I thought I was through with the topic of WIG/ground effect craft at least for a while, but on the 17th in a youtube "suggestion" titled "Bixel WIG Craft Footage" (2011, by youtube name "iSturz") I ran into a very different WIG craft design, a small "Bixel" radio controlled model. The stability of this "foot square" vehicle floating an inch above the street - or flying higher into the air - was amazing.

I thought "Bixel" must be some acronym, but it turned out Chuck Bixel was the name of the original aeronautic engineer inventor and developer.
[see http://twitt.org/Bixel_WIG.html Evidently he died some years ago, so there's probably no point e-mailing to the address given.] He took out patent US 5105898 A in 1992, where additional info is to be found. (Later patent US 5611294 (1998?), a craft by Donald E. Burg, combining features of a hovercraft, hydrofoil and WIG, may possibly inspire an improvement or two on Bixel's design.)

I think the RC model is actually better than Bixel's designs as shown: the slope built into the catamaran hull or body shape puts the wings at a good angle to automatically lift the craft when the speed is sufficient.

The one and wholly inadequate photo found of one of Bixel's prototypes leaves more questions
about what is in the view than it answers. Is that Bixel, wearing a hat, or just the end of the
row of trees? Is the craft moving? If it's an unpowered glider, how? Or is that an engine and
propeller in the middle? Are there inverted "V" shaped slots at the back of the two hulls,
similar to the Burg patent, and is there anything between the hulls at the back? Why does a
wide 'cockpit' thing interrupt the flat 'lifting body' airfoil shape?

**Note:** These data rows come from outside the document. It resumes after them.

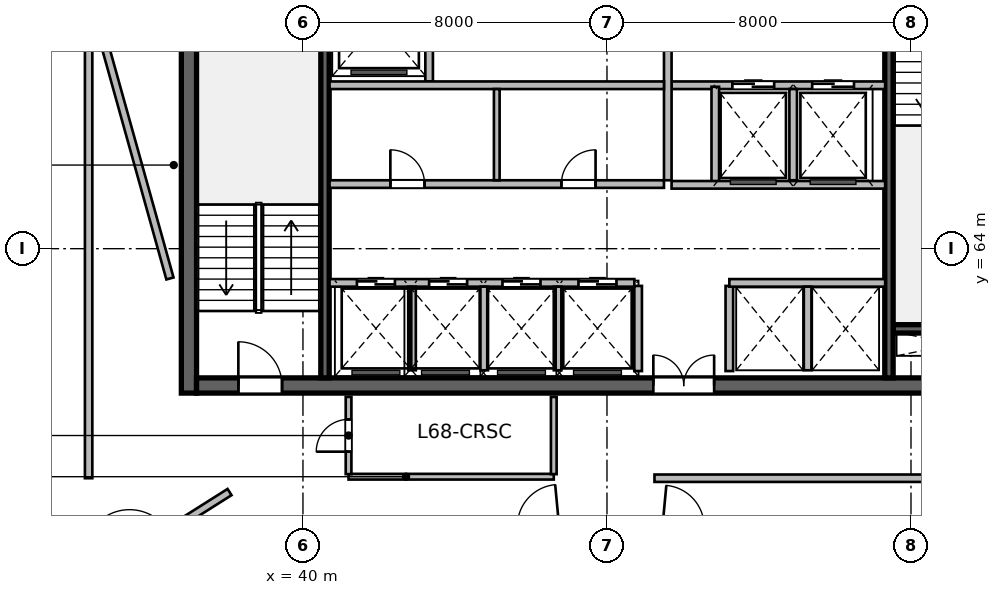
"""IFC4 building model, lengths in metres.
Left out: names, types, materials, properties, quantities, classifications, styles, units other than length and angle.
Written with IfcOpenShell. Run it as: python <this file> out.ifc"""

import sys

from ifc_helpers import new_model, si_unit, direction, frame, frame_2d, origin, place, context, subcontext, project, spatial, rectangle, extrude, source, transform, mapped, element, fill, save


model = new_model("IFC4")
c1 = context("Model", 3, precision=1e-05, world=origin(), true_north=direction((0.0, 1.0)))
c2 = subcontext(c1, "Body", "Model", "MODEL_VIEW")
j1 = project(units=[si_unit("LENGTHUNIT", "METRE"), si_unit("PLANEANGLEUNIT", "RADIAN")], contexts=[c1])
p1 = place(None, origin())
s1 = spatial("IfcSite", under=j1, at=p1, CompositionType="ELEMENT")
p2 = place(p1, origin())
s2 = spatial("IfcBuilding", under=s1, at=p2, CompositionType="ELEMENT")
p3 = place(p2, frame((0.0, 0.0, 279.6)))
s3 = spatial("IfcBuildingStorey", under=s2, at=p3, CompositionType="ELEMENT", Elevation=279.6)
m1 = source(origin(), c2, "Body", "SweptSolid", [
    extrude(rectangle(XDim=12.0, YDim=0.4, at=frame_2d((6.0, 0.0))), origin(), (0.0, 0.0, 1.0), 3.9),
])
p4 = place(p3, frame((37.0, 60.2, 0.0), z_axis=(0.0, 0.0, 1.0), x_axis=(0.0, 1.0, 0.0)))
e1 = element("IfcWall", 1, at=p4, inside=s3, PredefinedType="SHEAR", context=c2, shape_type="MappedRepresentation", body=[
    mapped(m1, transform((0.0, 0.0, 0.0), scale=1.0)),
])
m2 = source(origin(), c2, "Body", "SweptSolid", [
    extrude(rectangle(XDim=21.6, YDim=0.4, at=frame_2d((10.8, 0.0))), origin(), (0.0, 0.0, 1.0), 3.9),
])
p5 = place(p3, frame((37.2, 60.4, 0.0), z_axis=(0.0, 0.0, 1.0), x_axis=(1.0, 0.0, 0.0)))
e2 = element("IfcWall", 2, at=p5, inside=s3, PredefinedType="SHEAR", context=c2, shape_type="MappedRepresentation", body=[
    mapped(m2, transform((0.0, 0.0, 0.0), scale=1.0)),
])
p6 = place(p5, frame((1.1, 0.0, 0.0)))
e3 = element("IfcOpeningElement", 3, at=p6, cuts=e2, PredefinedType="OPENING", context=c2, shape_type="SweptSolid", body=[
    extrude(rectangle(XDim=1.15, YDim=2.15, at=frame_2d((0.575, 1.075))), frame((0.0, 0.21, 0.0), z_axis=(0.0, -1.0, 0.0), x_axis=(1.0, 0.0, 0.0)), (0.0, 0.0, 1.0), 0.42),
])
p7 = place(p5, frame((19.5, 0.0, 0.0)))
e4 = element("IfcOpeningElement", 4, at=p7, cuts=e2, PredefinedType="OPENING", context=c2, shape_type="SweptSolid", body=[
    extrude(rectangle(XDim=0.9, YDim=2.1, at=frame_2d((0.45, 1.05))), frame((0.0, 0.21, 0.0), z_axis=(0.0, -1.0, 0.0), x_axis=(1.0, 0.0, 0.0)), (0.0, 0.0, 1.0), 0.42),
])
p8 = place(p5, frame((12.02, 0.0, 0.0)))
e5 = element("IfcOpeningElement", 5, at=p8, cuts=e2, PredefinedType="OPENING", context=c2, shape_type="SweptSolid", body=[
    extrude(rectangle(XDim=1.6, YDim=2.15, at=frame_2d((0.8, 1.075))), frame((0.0, 0.21, 0.0), z_axis=(0.0, -1.0, 0.0), x_axis=(1.0, 0.0, 0.0)), (0.0, 0.0, 1.0), 0.42),
])
m3 = source(origin(), c2, "Body", "SweptSolid", [
    extrude(rectangle(XDim=3.27, YDim=0.22, at=frame_2d((1.635, 0.0))), origin(), (0.0, 0.0, 1.0), 3.9),
])
p9 = place(p3, frame((55.53, 61.89, 0.0), z_axis=(0.0, 0.0, 1.0), x_axis=(1.0, 0.0, 0.0)))
e6 = element("IfcWall", 6, at=p9, inside=s3, PredefinedType="SHEAR", context=c2, shape_type="MappedRepresentation", body=[
    mapped(m3, transform((0.0, 0.0, 0.0), scale=1.0)),
])
m4 = source(origin(), c2, "Body", "SweptSolid", [
    extrude(rectangle(XDim=11.2, YDim=0.22, at=frame_2d((5.6, 0.0))), origin(), (0.0, 0.0, 1.0), 3.9),
])
p10 = place(p3, frame((40.58, 60.6, 0.0), z_axis=(0.0, 0.0, 1.0), x_axis=(0.0, 1.0, 0.0)))
e7 = element("IfcWall", 7, at=p10, inside=s3, PredefinedType="SHEAR", context=c2, shape_type="MappedRepresentation", body=[
    mapped(m4, transform((0.0, 0.0, 0.0), scale=1.0)),
])
p11 = place(p3, frame((55.42, 60.6, 0.0), z_axis=(0.0, 0.0, 1.0), x_axis=(0.0, 1.0, 0.0)))
e8 = element("IfcWall", 8, at=p11, inside=s3, PredefinedType="SHEAR", context=c2, shape_type="MappedRepresentation", body=[
    mapped(m4, transform((0.0, 0.0, 0.0), scale=1.0)),
])
p12 = place(p11, frame((9.645, 0.0, 0.0)))
e9 = element("IfcOpeningElement", 9, at=p12, cuts=e8, PredefinedType="OPENING", context=c2, shape_type="SweptSolid", body=[
    extrude(rectangle(XDim=1.15, YDim=2.15, at=frame_2d((0.575, 1.075))), frame((0.0, 0.12, 0.0), z_axis=(0.0, -1.0, 0.0), x_axis=(1.0, 0.0, 0.0)), (0.0, 0.0, 1.0), 0.24),
])
m5 = source(origin(), c2, "Body", "SweptSolid", [
    extrude(rectangle(XDim=2.24, YDim=0.2, at=frame_2d((1.12, 0.0))), origin(), (0.0, 0.0, 1.0), 3.64),
])
for number, where, z_axis, x_axis in (
    (10, (48.82, 60.78, 0.0), (0.0, 0.0, 1.0), (0.0, 1.0, 0.0)),
    (11, (51.22, 60.78, 0.0), (0.0, 0.0, 1.0), (0.0, 1.0, 0.0)),
):
    element("IfcWall", number, at=place(p3, frame(where, z_axis=z_axis, x_axis=x_axis)), inside=s3, PredefinedType="SOLIDWALL", context=c2, shape_type="MappedRepresentation", body=[
        mapped(m5, transform((0.0, 0.0, 0.0), scale=1.0)),
    ])
m6 = source(origin(), c2, "Body", "SweptSolid", [
    extrude(rectangle(XDim=5.62, YDim=0.2, at=frame_2d((2.81, 0.0))), origin(), (0.0, 0.0, 1.0), 3.64),
])
p13 = place(p3, frame((49.7, 68.3, 0.0), z_axis=(0.0, 0.0, 1.0), x_axis=(1.0, 0.0, 0.0)))
e12 = element("IfcWall", 12, at=p13, inside=s3, PredefinedType="SOLIDWALL", context=c2, shape_type="MappedRepresentation", body=[
    mapped(m6, transform((0.0, 0.0, 0.0), scale=1.0)),
])
p14 = place(p13, frame((1.6, 0.0, 0.0)))
e13 = element("IfcOpeningElement", 13, at=p14, cuts=e12, PredefinedType="OPENING", context=c2, shape_type="SweptSolid", body=[
    extrude(rectangle(XDim=1.1, YDim=2.15, at=frame_2d((0.55, 1.075))), frame((0.0, 0.11, 0.0), z_axis=(0.0, -1.0, 0.0), x_axis=(1.0, 0.0, 0.0)), (0.0, 0.0, 1.0), 0.22),
])
p15 = place(p13, frame((3.7, 0.0, 0.0)))
e14 = element("IfcOpeningElement", 14, at=p15, cuts=e12, PredefinedType="OPENING", context=c2, shape_type="SweptSolid", body=[
    extrude(rectangle(XDim=1.1, YDim=2.15, at=frame_2d((0.55, 1.075))), frame((0.0, 0.11, 0.0), z_axis=(0.0, -1.0, 0.0), x_axis=(1.0, 0.0, 0.0)), (0.0, 0.0, 1.0), 0.22),
])
m7 = source(origin(), c2, "Body", "SweptSolid", [
    extrude(rectangle(XDim=5.8, YDim=0.2, at=frame_2d((2.9, 0.0))), origin(), (0.0, 0.0, 1.0), 3.64),
])
p16 = place(p3, frame((49.6, 65.8, 0.0), z_axis=(0.0, 0.0, 1.0), x_axis=(0.0, 1.0, 0.0)))
e15 = element("IfcWall", 15, at=p16, inside=s3, PredefinedType="SOLIDWALL", context=c2, shape_type="MappedRepresentation", body=[
    mapped(m7, transform((0.0, 0.0, 0.0), scale=1.0)),
])
m8 = source(origin(), c2, "Body", "SweptSolid", [
    extrude(rectangle(XDim=2.58, YDim=0.2, at=frame_2d((1.29, 0.0))), origin(), (0.0, 0.0, 1.0), 3.64),
])
p17 = place(p3, frame((50.85, 65.68, 0.0), z_axis=(0.0, 0.0, 1.0), x_axis=(0.0, 1.0, 0.0)))
e16 = element("IfcWall", 16, at=p17, inside=s3, PredefinedType="SOLIDWALL", context=c2, shape_type="MappedRepresentation", body=[
    mapped(m8, transform((0.0, 0.0, 0.0), scale=1.0)),
])
m9 = source(origin(), c2, "Body", "SweptSolid", [
    extrude(rectangle(XDim=2.4, YDim=0.2, at=frame_2d((1.2, 0.0))), origin(), (0.0, 0.0, 1.0), 3.64),
])
p18 = place(p3, frame((52.9, 65.8, 0.0), z_axis=(0.0, 0.0, 1.0), x_axis=(0.0, 1.0, 0.0)))
e17 = element("IfcWall", 17, at=p18, inside=s3, PredefinedType="SOLIDWALL", context=c2, shape_type="MappedRepresentation", body=[
    mapped(m9, transform((0.0, 0.0, 0.0), scale=1.0)),
])
p19 = place(p3, frame((49.7, 65.68, 0.0), z_axis=(0.0, 0.0, 1.0), x_axis=(1.0, 0.0, 0.0)))
e18 = element("IfcWall", 18, at=p19, inside=s3, PredefinedType="SOLIDWALL", context=c2, shape_type="MappedRepresentation", body=[
    mapped(m6, transform((0.0, 0.0, 0.0), scale=1.0)),
])
m10 = source(origin(), c2, "Body", "SweptSolid", [
    extrude(rectangle(XDim=3.2, YDim=0.2, at=frame_2d((1.6, 0.0))), origin(), (0.0, 0.0, 1.0), 3.64),
])
p20 = place(p3, frame((43.32, 68.4, 0.0), z_axis=(0.0, 0.0, 1.0), x_axis=(0.0, 1.0, 0.0)))
e19 = element("IfcWall", 19, at=p20, inside=s3, PredefinedType="SOLIDWALL", context=c2, shape_type="MappedRepresentation", body=[
    mapped(m10, transform((0.0, 0.0, 0.0), scale=1.0)),
])
m11 = source(origin(), c2, "Body", "SweptSolid", [
    extrude(rectangle(XDim=8.8, YDim=0.2, at=frame_2d((4.4, 0.0))), origin(), (0.0, 0.0, 1.0), 3.64),
])
p21 = place(p3, frame((40.7, 68.3, 0.0), z_axis=(0.0, 0.0, 1.0), x_axis=(1.0, 0.0, 0.0)))
e20 = element("IfcWall", 20, at=p21, inside=s3, PredefinedType="SOLIDWALL", context=c2, shape_type="MappedRepresentation", body=[
    mapped(m11, transform((0.0, 0.0, 0.0), scale=1.0)),
])
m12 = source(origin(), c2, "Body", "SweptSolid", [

Later I found a 2015 video of a similar model (probably inspired by the first): "RC Ground Effect Vehicle - RCTESTFLIGHT" by youtuber "RCTESTFLIGHT". This maker flew it over snow and water, and he tried several variations such as adding outer wings it didn't originally have, adding hull 'steps' for water takeoffs, adding a hydrofoil, and adding some other in-water lift sticks. The video was more informative than the others because the maker narrated it to explain it.

The angle of the motor/propeller helps to blow air under the wings to assist with
take-off. On some full size craft they can be rotated from angled to straight.
(The dog gave chase with boundless energy and enthusiasm,
but he flew it up out of reach whenever it got too close!)

It often dipped a float in the water.
No ducks were harmed in making this video. (AFAIK)

   Another pair of 2015 videos, "Bixel WIG / Ekranoplan" and "Bixel WIG / Ground Effect Vehicle", both by "LegalTender91", showed a third similar craft but with two motors, again with great stability. It too did some high flying well out of ground effect, also coming down with some scrapes across the gravel surface but not stopping.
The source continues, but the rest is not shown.